I am frustrated with how the "Standard Model" has become a veil with which a
priestly particle physicist class hides sacred knowledge of how the universe
works from plebeians like myself.

Why does the Standard Model only allow for three neutrinos? Is it because the
math says so? Is it because some other maths only work if this number is
three? Does it come from some fascinating group-theory or symmetry groups that
nobody teaches at a highschool math level? I can't be the only one who wants
to learn more about this stuff.

I don't believe that the Particle Physicist or the broader Physics community
is at fault here. I blame our approach to school education.
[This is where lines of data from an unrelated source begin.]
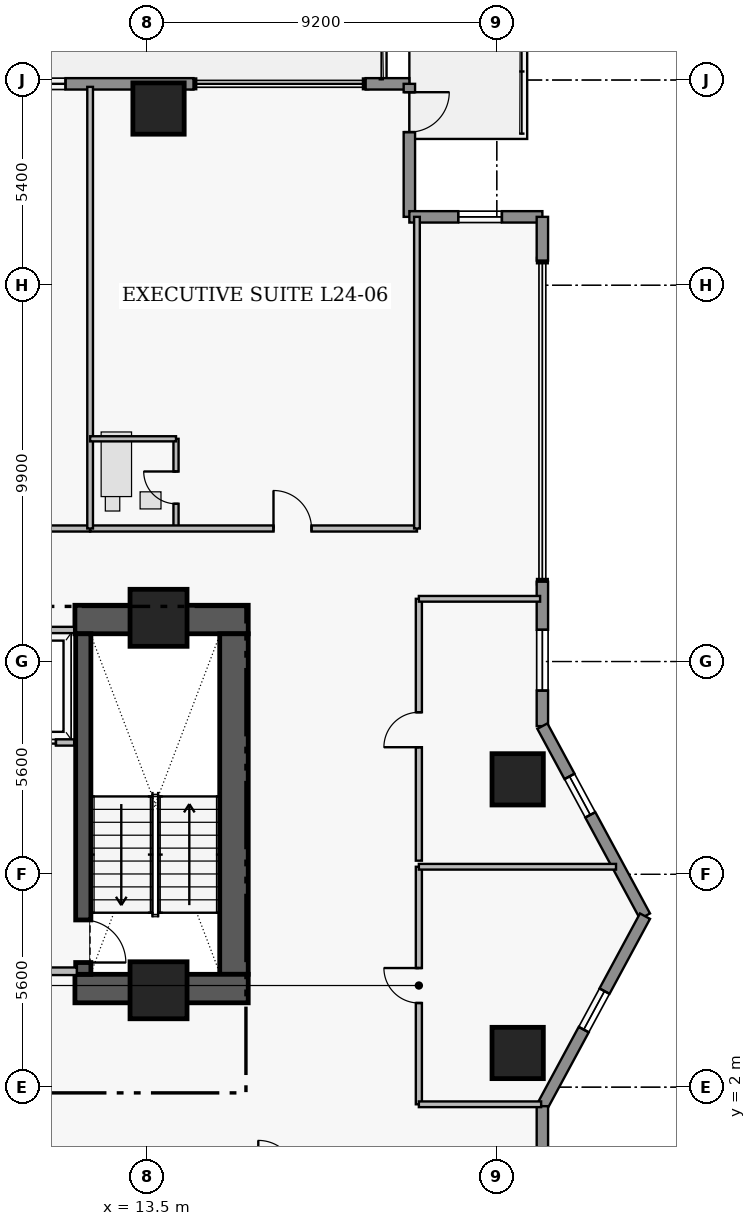
"""IFC4 building model, lengths in metres.
Left out: names, types, materials, properties, quantities, classifications, styles, units other than length and angle.
Written with IfcOpenShell. Run it as: python <this file> out.ifc"""

import sys

from ifc_helpers import new_model, si_unit, direction, frame, frame_2d, origin, origin_2d, place, context, subcontext, project, spatial, rectangle, extrude, element, fill, save


model = new_model("IFC4")
c1 = context("Model", 3, precision=1e-05, world=origin(), true_north=direction((0.0, 1.0)))
c2 = subcontext(c1, "Body", "Model", "MODEL_VIEW")
j1 = project(units=[si_unit("LENGTHUNIT", "METRE"), si_unit("PLANEANGLEUNIT", "RADIAN")], contexts=[c1])
p1 = place(None, origin())
s1 = spatial("IfcSite", under=j1, at=p1, CompositionType="ELEMENT")
p2 = place(p1, origin())
s2 = spatial("IfcBuilding", under=s1, at=p2, CompositionType="ELEMENT")
p3 = place(p2, frame((0.0, 0.0, 99.3)))
s3 = spatial("IfcBuildingStorey", under=s2, at=p3, CompositionType="ELEMENT", Elevation=99.3)
p4 = place(p3, frame((11.6, 14.305, 0.0), z_axis=(0.0, 0.0, 1.0), x_axis=(1.0, 0.0, 0.0)))
e1 = element("IfcWall", 1, at=p4, inside=s3, PredefinedType="SHEAR", context=c2, shape_type="SweptSolid", body=[
    extrude(rectangle(XDim=4.56, YDim=0.75, at=frame_2d((2.28, 0.0))), origin(), (0.0, 0.0, 1.0), 3.46),
])
p5 = place(p3, frame((15.785, 4.97, 0.0), z_axis=(0.0, 0.0, 1.0), x_axis=(0.0, 1.0, 0.0)))
e2 = element("IfcWall", 2, at=p5, inside=s3, PredefinedType="SHEAR", context=c2, shape_type="SweptSolid", body=[
    extrude(rectangle(XDim=8.96, YDim=0.75, at=frame_2d((4.48, 0.0))), origin(), (0.0, 0.0, 1.0), 3.46),
])
p6 = place(p3, frame((11.6, 4.595, 0.0), z_axis=(0.0, 0.0, 1.0), x_axis=(1.0, 0.0, 0.0)))
e3 = element("IfcWall", 3, at=p6, inside=s3, PredefinedType="SHEAR", context=c2, shape_type="SweptSolid", body=[
    extrude(rectangle(XDim=4.56, YDim=0.75, at=frame_2d((2.28, 0.0))), origin(), (0.0, 0.0, 1.0), 3.46),
])
p7 = place(p3, frame((11.82, 13.93, 0.0), z_axis=(0.0, 0.0, 1.0), x_axis=(0.0, -1.0, 0.0)))
e4 = element("IfcWall", 4, at=p7, inside=s3, PredefinedType="SHEAR", context=c2, shape_type="SweptSolid", body=[
    extrude(rectangle(XDim=8.96, YDim=0.4, at=frame_2d((4.48, 0.0))), origin(), (0.0, 0.0, 1.0), 3.46),
])
p8 = place(p7, frame((7.53, 0.0, 0.0)))
e5 = element("IfcOpeningElement", 5, at=p8, cuts=e4, PredefinedType="OPENING", context=c2, shape_type="SweptSolid", body=[
    extrude(rectangle(XDim=1.12, YDim=2.22, at=frame_2d((0.56, 1.11))), frame((0.0, 0.21, 0.0), z_axis=(0.0, -1.0, 0.0), x_axis=(1.0, 0.0, 0.0)), (0.0, 0.0, 1.0), 0.42),
])
for number, where, z_axis, x_axis in (
    (6, (13.8, 14.35, 0.0), (0.0, 0.0, 1.0), (1.0, 0.0, 0.0)),
    (7, (13.8, 4.55, 0.0), (0.0, 0.0, 1.0), (1.0, 0.0, 0.0)),
):
    element("IfcColumn", number, at=place(p3, frame(where, z_axis=z_axis, x_axis=x_axis)), inside=s3, PredefinedType="COLUMN", context=c2, shape_type="SweptSolid", body=[
        extrude(rectangle(XDim=1.5, YDim=1.5, at=origin_2d()), origin(), (0.0, 0.0, 1.0), 3.65),
    ])
for number, where, z_axis, x_axis in (
    (8, (13.8, 27.75, 0.0), (0.0, 0.0, 1.0), (1.0, 0.0, 0.0)),
    (9, (23.25, 2.9, 0.0), (0.0, 0.0, 1.0), (1.0, 0.0, 0.0)),
    (10, (23.25, 10.1, 0.0), (0.0, 0.0, 1.0), (1.0, 0.0, 0.0)),
):
    element("IfcColumn", number, at=place(p3, frame(where, z_axis=z_axis, x_axis=x_axis)), inside=s3, PredefinedType="COLUMN", context=c2, shape_type="SweptSolid", body=[
        extrude(rectangle(XDim=1.35, YDim=1.35, at=origin_2d()), origin(), (0.0, 0.0, 1.0), 3.65),
    ])
p9 = place(p3, frame((3.68, 28.4, 0.0), z_axis=(0.0, 0.0, 1.0), x_axis=(1.0, 0.0, 0.0)))
e11 = element("IfcWall", 11, at=p9, inside=s3, PredefinedType="STANDARD", context=c2, shape_type="SweptSolid", body=[
    extrude(rectangle(XDim=11.04, YDim=0.3, at=frame_2d((5.52, 0.0))), origin(), (0.0, 0.0, 1.0), 3.43),
])
p10 = place(p9, frame((4.695, 0.0, 0.0)))
e12 = element("IfcOpeningElement", 12, at=p10, cuts=e11, PredefinedType="OPENING", context=c2, shape_type="SweptSolid", body=[
    extrude(rectangle(XDim=1.05, YDim=2.2, at=frame_2d((0.525, 1.1))), frame((0.0, 0.16, 0.0), z_axis=(0.0, -1.0, 0.0), x_axis=(1.0, 0.0, 0.0)), (0.0, 0.0, 1.0), 0.32),
])
p11 = place(p9, frame((2.768, 0.0, 0.95)))
e13 = element("IfcOpeningElement", 13, at=p11, cuts=e11, PredefinedType="OPENING", context=c2, shape_type="SweptSolid", body=[
    extrude(rectangle(XDim=1.15, YDim=1.55, at=frame_2d((0.575, 0.775))), frame((0.0, 0.16, 0.0), z_axis=(0.0, -1.0, 0.0), x_axis=(1.0, 0.0, 0.0)), (0.0, 0.0, 1.0), 0.32),
])
p12 = place(p9, frame((6.522, 0.0, 0.95)))
e14 = element("IfcOpeningElement", 14, at=p12, cuts=e11, PredefinedType="OPENING", context=c2, shape_type="SweptSolid", body=[
    extrude(rectangle(XDim=1.15, YDim=1.55, at=frame_2d((0.575, 0.775))), frame((0.0, 0.16, 0.0), z_axis=(0.0, -1.0, 0.0), x_axis=(1.0, 0.0, 0.0)), (0.0, 0.0, 1.0), 0.32),
])
p13 = place(p3, frame((19.25, 28.4, 0.0), z_axis=(0.0, 0.0, 1.0), x_axis=(1.0, 0.0, 0.0)))
e15 = element("IfcWall", 15, at=p13, inside=s3, PredefinedType="STANDARD", context=c2, shape_type="SweptSolid", body=[
    extrude(rectangle(XDim=1.15, YDim=0.3, at=frame_2d((0.575, 0.0))), origin(), (0.0, 0.0, 1.0), 3.43),
])
p14 = place(p3, frame((20.4, 28.4, 0.0), z_axis=(0.0, 0.0, 1.0), x_axis=(0.0, -1.0, 0.0)))
e16 = element("IfcWall", 16, at=p14, inside=s3, PredefinedType="STANDARD", context=c2, shape_type="SweptSolid", body=[
    extrude(rectangle(XDim=3.5, YDim=0.3, at=frame_2d((1.75, 0.0))), origin(), (0.0, 0.0, 1.0), 3.43),
])
p15 = place(p14, frame((0.22, 0.0, 0.0)))
e17 = element("IfcOpeningElement", 17, at=p15, cuts=e16, PredefinedType="OPENING", context=c2, shape_type="SweptSolid", body=[
    extrude(rectangle(XDim=1.05, YDim=2.2, at=frame_2d((0.525, 1.1))), frame((0.0, 0.16, 0.0), z_axis=(0.0, -1.0, 0.0), x_axis=(1.0, 0.0, 0.0)), (0.0, 0.0, 1.0), 0.32),
])
p16 = place(p3, frame((20.4, 24.9, 0.0), z_axis=(0.0, 0.0, 1.0), x_axis=(1.0, 0.0, 0.0)))
e18 = element("IfcWall", 18, at=p16, inside=s3, PredefinedType="STANDARD", context=c2, shape_type="SweptSolid", body=[
    extrude(rectangle(XDim=3.5, YDim=0.3, at=frame_2d((1.75, 0.0))), origin(), (0.0, 0.0, 1.0), 3.43),
])
p17 = place(p16, frame((1.285, 0.0, 1.25)))
e19 = element("IfcOpeningElement", 19, at=p17, cuts=e18, PredefinedType="OPENING", context=c2, shape_type="SweptSolid", body=[
    extrude(rectangle(XDim=1.15, YDim=1.55, at=frame_2d((0.575, 0.775))), frame((0.0, 0.16, 0.0), z_axis=(0.0, -1.0, 0.0), x_axis=(1.0, 0.0, 0.0)), (0.0, 0.0, 1.0), 0.32),
])
p18 = place(p3, frame((23.9, 24.9, 0.0), z_axis=(0.0, 0.0, 1.0), x_axis=(0.0, -1.0, 0.0)))
e20 = element("IfcWall", 20, at=p18, inside=s3, PredefinedType="STANDARD", context=c2, shape_type="SweptSolid", body=[
    extrude(rectangle(XDim=1.15, YDim=0.3, at=frame_2d((0.575, 0.0))), origin(), (0.0, 0.0, 1.0), 3.43),
])
p19 = place(p3, frame((23.9, 15.3, 0.0), z_axis=(0.0, 0.0, 1.0), x_axis=(0.0, -1.0, 0.0)))
e21 = element("IfcWall", 21, at=p19, inside=s3, PredefinedType="STANDARD", context=c2, shape_type="SweptSolid", body=[
    extrude(rectangle(XDim=3.8, YDim=0.3, at=frame_2d((1.9, 0.0))), origin(), (0.0, 0.0, 1.0), 3.43),
])
p20 = place(p19, frame((1.265, 0.0, 0.85)))
e22 = element("IfcOpeningElement", 22, at=p20, cuts=e21, PredefinedType="OPENING", context=c2, shape_type="SweptSolid", body=[
    extrude(rectangle(XDim=1.6, YDim=1.8, at=frame_2d((0.8, 0.9))), frame((0.0, 0.16, 0.0), z_axis=(0.0, -1.0, 0.0), x_axis=(1.0, 0.0, 0.0)), (0.0, 0.0, 1.0), 0.32),
])
p21 = place(p3, frame((23.9, 11.5, 0.0), z_axis=(0.0, 0.0, 1.0), x_axis=(0.475175525499, -0.879891027325, 0.0)))
e23 = element("IfcWall", 23, at=p21, inside=s3, PredefinedType="STANDARD", context=c2, shape_type="SweptSolid", body=[
    extrude(rectangle(XDim=5.683, YDim=0.3, at=frame_2d((2.841, 0.0))), origin(), (0.0, 0.0, 1.0), 3.43),
])
p22 = place(p21, frame((1.503, 0.0, 1.25)))
e24 = element("IfcOpeningElement", 24, at=p22, cuts=e23, PredefinedType="OPENING", context=c2, shape_type="SweptSolid", body=[
    extrude(rectangle(XDim=1.15, YDim=1.55, at=frame_2d((0.575, 0.775))), frame((0.0, 0.16, 0.0), z_axis=(0.0, -1.0, 0.0), x_axis=(1.0, 0.0, 0.0)), (0.0, 0.0, 1.0), 0.32),
])
p23 = place(p3, frame((26.6, 6.5, 0.0), z_axis=(0.0, 0.0, 1.0), x_axis=(-0.475175525499, -0.879891027325, 0.0)))
e25 = element("IfcWall", 25, at=p23, inside=s3, PredefinedType="STANDARD", context=c2, shape_type="SweptSolid", body=[
    extrude(rectangle(XDim=5.683, YDim=0.3, at=frame_2d((2.841, 0.0))), origin(), (0.0, 0.0, 1.0), 3.43),
])
p24 = place(p23, frame((2.242, 0.0, 1.25)))
e26 = element("IfcOpeningElement", 26, at=p24, cuts=e25, PredefinedType="OPENING", context=c2, shape_type="SweptSolid", body=[
    extrude(rectangle(XDim=1.15, YDim=1.55, at=frame_2d((0.575, 0.775))), frame((0.0, 0.16, 0.0), z_axis=(0.0, -1.0, 0.0), x_axis=(1.0, 0.0, 0.0)), (0.0, 0.0, 1.0), 0.32),
])
p25 = place(p3, frame((23.9, 1.5, 0.0), z_axis=(0.0, 0.0, 1.0), x_axis=(0.0, -1.0, 0.0)))
e27 = element("IfcWall", 27, at=p25, inside=s3, PredefinedType="STANDARD", context=c2, shape_type="SweptSolid", body=[
    extrude(rectangle(XDim=1.15, YDim=0.3, at=frame_2d((0.575, 0.0))), origin(), (0.0, 0.0, 1.0), 3.43),
])
p26 = place(p3, frame((9.42, 11.07, 0.0), z_axis=(0.0, 0.0, 1.0), x_axis=(1.0, 0.0, 0.0)))
e28 = element("IfcWall", 28, at=p26, inside=s3, PredefinedType="PARTITIONING", context=c2, shape_type="SweptSolid", body=[
    extrude(rectangle(XDim=2.16, YDim=0.165, at=frame_2d((1.08, 0.0))), origin(), (0.0, 0.0, 1.0), 3.43),
])
p27 = place(p26, frame((0.53, 0.0, 0.0)))
e29 = element("IfcOpeningElement", 29, at=p27, cuts=e28, PredefinedType="OPENING", context=c2, shape_type="SweptSolid", body=[
    extrude(rectangle(XDim=1.15, YDim=2.25, at=frame_2d((0.575, 1.125))), frame((0.0, 0.093, 0.0), z_axis=(0.0, -1.0, 0.0), x_axis=(1.0, 0.0, 0.0)), (0.0, 0.0, 1.0), 0.185),
])
p28 = place(p3, frame((5.8, 16.7, 0.0), z_axis=(0.0, 0.0, 1.0), x_axis=(1.0, 0.0, 0.0)))
e30 = element("IfcWall", 30, at=p28, inside=s3, PredefinedType="PARTITIONING", context=c2, shape_type="SweptSolid", body=[
    extrude(rectangle(XDim=6.2, YDim=0.16, at=frame_2d((3.1, 0.0))), origin(), (0.0, 0.0, 1.0), 2.973),
])
p29 = place(p28, frame((3.75, 0.0, 0.0)))
e31 = element("IfcOpeningElement", 31, at=p29, cuts=e30, PredefinedType="OPENING", context=c2, shape_type="SweptSolid", body=[
    extrude(rectangle(XDim=1.0, YDim=2.15, at=frame_2d((0.5, 1.075))), frame((0.0, 0.09, 0.0), z_axis=(0.0, -1.0, 0.0), x_axis=(1.0, 0.0, 0.0)), (0.0, 0.0, 1.0), 0.18),
])
p30 = place(p3, frame((14.26, 16.7, 0.0), z_axis=(0.0, 0.0, 1.0), x_axis=(0.0, 1.0, 0.0)))
e32 = element("IfcWall", 32, at=p30, inside=s3, PredefinedType="PLUMBINGWALL", context=c2, shape_type="SweptSolid", body=[
    extrude(rectangle(XDim=2.36, YDim=0.135, at=frame_2d((1.18, 0.0))), origin(), (0.0, 0.0, 1.0), 2.503),
])
p31 = place(p30, frame((0.65, 0.0, 0.0)))
e33 = element("IfcOpeningElement", 33, at=p31, cuts=e32, PredefinedType="OPENING", context=c2, shape_type="SweptSolid", body=[
    extrude(rectangle(XDim=0.85, YDim=2.1, at=frame_2d((0.425, 1.05))), frame((0.0, 0.077, 0.0), z_axis=(0.0, -1.0, 0.0), x_axis=(1.0, 0.0, 0.0)), (0.0, 0.0, 1.0), 0.155),
])
p32 = place(p3, frame((12.0, 16.7, 0.0), z_axis=(0.0, 0.0, 1.0), x_axis=(1.0, 0.0, 0.0)))
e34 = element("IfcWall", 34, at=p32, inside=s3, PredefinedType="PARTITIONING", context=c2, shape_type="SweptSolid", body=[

If we accept that it's ok for a 14 year to be bewildered at quadratic
equations and is expected to accept the "Don't worry, it'll all make sense
later" line, it should also be possible for the same student to learn about
Heisenberg's uncertainty principle, the basics of non-Euclidean geometry and
symmetry groups.

Our society today has several cohorts of adults who do not have the necessary
foundations to understand the Standard Model. We don't plan to educate
children in schools today to be able to understand this stuff. It will take a
highly motivated adult several years of self study to reach a point where the
Standard Model becomes approachable. Do we really want to live in the world
where an attempt to understand fundamental truths about the universe can only
be an extremely ambitious goal?

History shows us how the world changed when the first translations of the
Bible became widely available. We need to think hard about what lessons we can
learn and how to apply it to the comprehension-inequality that plagues our
world today.

I wonder if the stagnation in Particle Physics after 2012 needs a second
renaissance led by a generation who grew up never hearing the phrase "Nobody
understands Quantum Mechanics".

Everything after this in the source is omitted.